I really wanted to get that lens for my UWA zoom. However the lack of traditional filters got me too. I've heard the distortion is really well controlled on that lens. A lot of people focus on sharpness... but stopped down the 17-40L I use is plenty sharp, it's the distortion that is fairly bad. People don't even need to get to the edge of the frame and they get pretty bloated. Granted, it is more or less my landscape lens, but still. In a perfect world where money was no object I think I'd own the Zeiss Distagon 15mm. I hear the (lack of) distortion on that lens is awesome!


----------



## Arty (Aug 29, 2015)

andrewflo said:


> ajfotofilmagem said:
> 
> 
> > siegsAR said:
> ...


Optics will need to be fine and the AF needs to be fast and accurate before I would be interested. The 45 looks interesting, but only if the VC is fast. I am in no hurry to buy more lenses, but I sure would like to see a Canon 50 F2 IS with performance like the 35F2 IS.


----------



## TWI by Dustin Abbott (Aug 29, 2015)

I'll definitely review both lenses, but I am more interested in the 45 than the 35 (I'm a big fan of the 35mm f/2 IS). Size is going to matter with these. Sigma has been making some great prime lenses, but they are HUGE! I think there is a market for more compact lenses, particularly for street and general purpose shooters.
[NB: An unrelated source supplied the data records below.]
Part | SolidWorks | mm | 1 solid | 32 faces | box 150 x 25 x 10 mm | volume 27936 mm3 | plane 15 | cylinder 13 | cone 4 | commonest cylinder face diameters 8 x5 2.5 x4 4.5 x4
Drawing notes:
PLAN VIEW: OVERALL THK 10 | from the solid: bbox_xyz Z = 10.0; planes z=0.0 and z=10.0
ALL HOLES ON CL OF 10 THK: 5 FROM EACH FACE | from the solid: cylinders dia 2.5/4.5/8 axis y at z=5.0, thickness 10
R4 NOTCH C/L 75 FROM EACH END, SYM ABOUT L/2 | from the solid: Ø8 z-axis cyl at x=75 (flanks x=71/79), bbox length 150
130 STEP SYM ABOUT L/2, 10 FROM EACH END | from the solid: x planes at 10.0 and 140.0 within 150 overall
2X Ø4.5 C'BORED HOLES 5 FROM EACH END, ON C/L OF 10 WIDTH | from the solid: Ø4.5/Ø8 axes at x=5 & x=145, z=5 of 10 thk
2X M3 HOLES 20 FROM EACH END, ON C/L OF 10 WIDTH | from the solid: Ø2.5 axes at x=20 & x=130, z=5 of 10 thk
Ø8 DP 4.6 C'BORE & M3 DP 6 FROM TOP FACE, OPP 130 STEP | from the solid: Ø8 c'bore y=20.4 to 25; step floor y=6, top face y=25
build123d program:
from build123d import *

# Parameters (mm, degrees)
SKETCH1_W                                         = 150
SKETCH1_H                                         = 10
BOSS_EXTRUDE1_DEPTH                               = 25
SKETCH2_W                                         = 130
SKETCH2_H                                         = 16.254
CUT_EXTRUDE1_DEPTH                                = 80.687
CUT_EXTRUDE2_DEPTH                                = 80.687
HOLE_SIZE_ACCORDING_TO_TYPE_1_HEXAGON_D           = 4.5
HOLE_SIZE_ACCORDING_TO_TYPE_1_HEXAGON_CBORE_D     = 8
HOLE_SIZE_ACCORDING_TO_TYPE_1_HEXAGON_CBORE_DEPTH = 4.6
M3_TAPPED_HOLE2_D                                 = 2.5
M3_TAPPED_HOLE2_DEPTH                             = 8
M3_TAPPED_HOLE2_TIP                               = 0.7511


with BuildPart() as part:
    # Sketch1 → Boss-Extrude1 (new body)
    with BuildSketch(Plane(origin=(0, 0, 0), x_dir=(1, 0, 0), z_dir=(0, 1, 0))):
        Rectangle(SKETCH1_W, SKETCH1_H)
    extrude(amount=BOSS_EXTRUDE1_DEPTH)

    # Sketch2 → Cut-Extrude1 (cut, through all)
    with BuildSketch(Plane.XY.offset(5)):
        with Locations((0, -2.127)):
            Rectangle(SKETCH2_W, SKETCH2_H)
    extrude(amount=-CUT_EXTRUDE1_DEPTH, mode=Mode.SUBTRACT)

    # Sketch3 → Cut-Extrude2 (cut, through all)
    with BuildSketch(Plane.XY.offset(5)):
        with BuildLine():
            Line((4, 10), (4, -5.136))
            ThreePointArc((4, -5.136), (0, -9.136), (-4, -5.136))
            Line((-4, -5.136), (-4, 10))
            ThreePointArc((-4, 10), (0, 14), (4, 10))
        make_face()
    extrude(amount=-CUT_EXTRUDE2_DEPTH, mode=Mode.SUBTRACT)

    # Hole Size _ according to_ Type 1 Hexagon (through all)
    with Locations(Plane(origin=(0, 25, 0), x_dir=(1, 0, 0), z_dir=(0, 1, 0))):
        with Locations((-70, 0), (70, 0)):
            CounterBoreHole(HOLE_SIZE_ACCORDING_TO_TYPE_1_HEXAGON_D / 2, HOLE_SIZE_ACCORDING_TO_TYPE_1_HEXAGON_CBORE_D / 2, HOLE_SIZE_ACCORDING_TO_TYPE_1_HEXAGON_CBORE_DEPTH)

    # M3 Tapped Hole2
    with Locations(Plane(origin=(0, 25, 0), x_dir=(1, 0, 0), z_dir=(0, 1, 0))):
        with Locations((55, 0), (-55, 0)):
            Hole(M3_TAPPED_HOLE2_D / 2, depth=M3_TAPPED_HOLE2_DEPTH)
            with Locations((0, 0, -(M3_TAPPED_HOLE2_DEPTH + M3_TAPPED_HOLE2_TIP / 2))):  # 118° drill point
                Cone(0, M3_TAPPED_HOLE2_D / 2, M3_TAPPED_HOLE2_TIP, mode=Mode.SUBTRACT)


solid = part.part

Part of the reason I love my vintage 50mm f/1.4 SMC Takumar is it is so compact and easy to bring along as an option. Even if I don't end up using it, I don't regret bringing it along.



Luds34 said:


> The other thing is that Tamron seems to have figured out the Canon focus system alot better then Sigma. Or at least figured it out earlier as maybe Sigma finally cracked that nut with their latest stuff. The couple of Tamron lenses I have owned have focused spot on and consistently. Tamron's latest lenses seem to give like 90% of the performance of the Canon equivalent lens for roughly half the price...



That is my finding as well. I use the 15-30, 24-70, and 70-200 for my event and wedding work almost exclusively and I typically don't have to reject ANY images for missed focus when I review at the end.


----------



## sdsr (Aug 29, 2015)

preppyak said:


> PhotographyFirst said:
> 
> 
> > Tamron, the soup nazi of VC.
> ...



I think the Sony version is A-mount, not E-mount; and all Sony A mount bodies have IBIS. If so, the only people who will be irked are owners of Sony E-mount bodies without IBIS (which is most of them) who would want to mount these via an adapter (and, of course, owners of E-mount bodies who wish these were E-mount lenses).


----------



## andrewflo (Aug 29, 2015)

Arty said:


> andrewflo said:
> 
> 
> > ajfotofilmagem said:
> ...



Did you mean "as long as the AF is fast" instead of "VC"? Would have to agree if so. The SP 15-30 had really fast, silent, and accurate AF but on an UWA it's a different ball game than 45mm. 

Btw the VC on the 15-30 is way quieter than the IS on the Canon 16-35 f/4.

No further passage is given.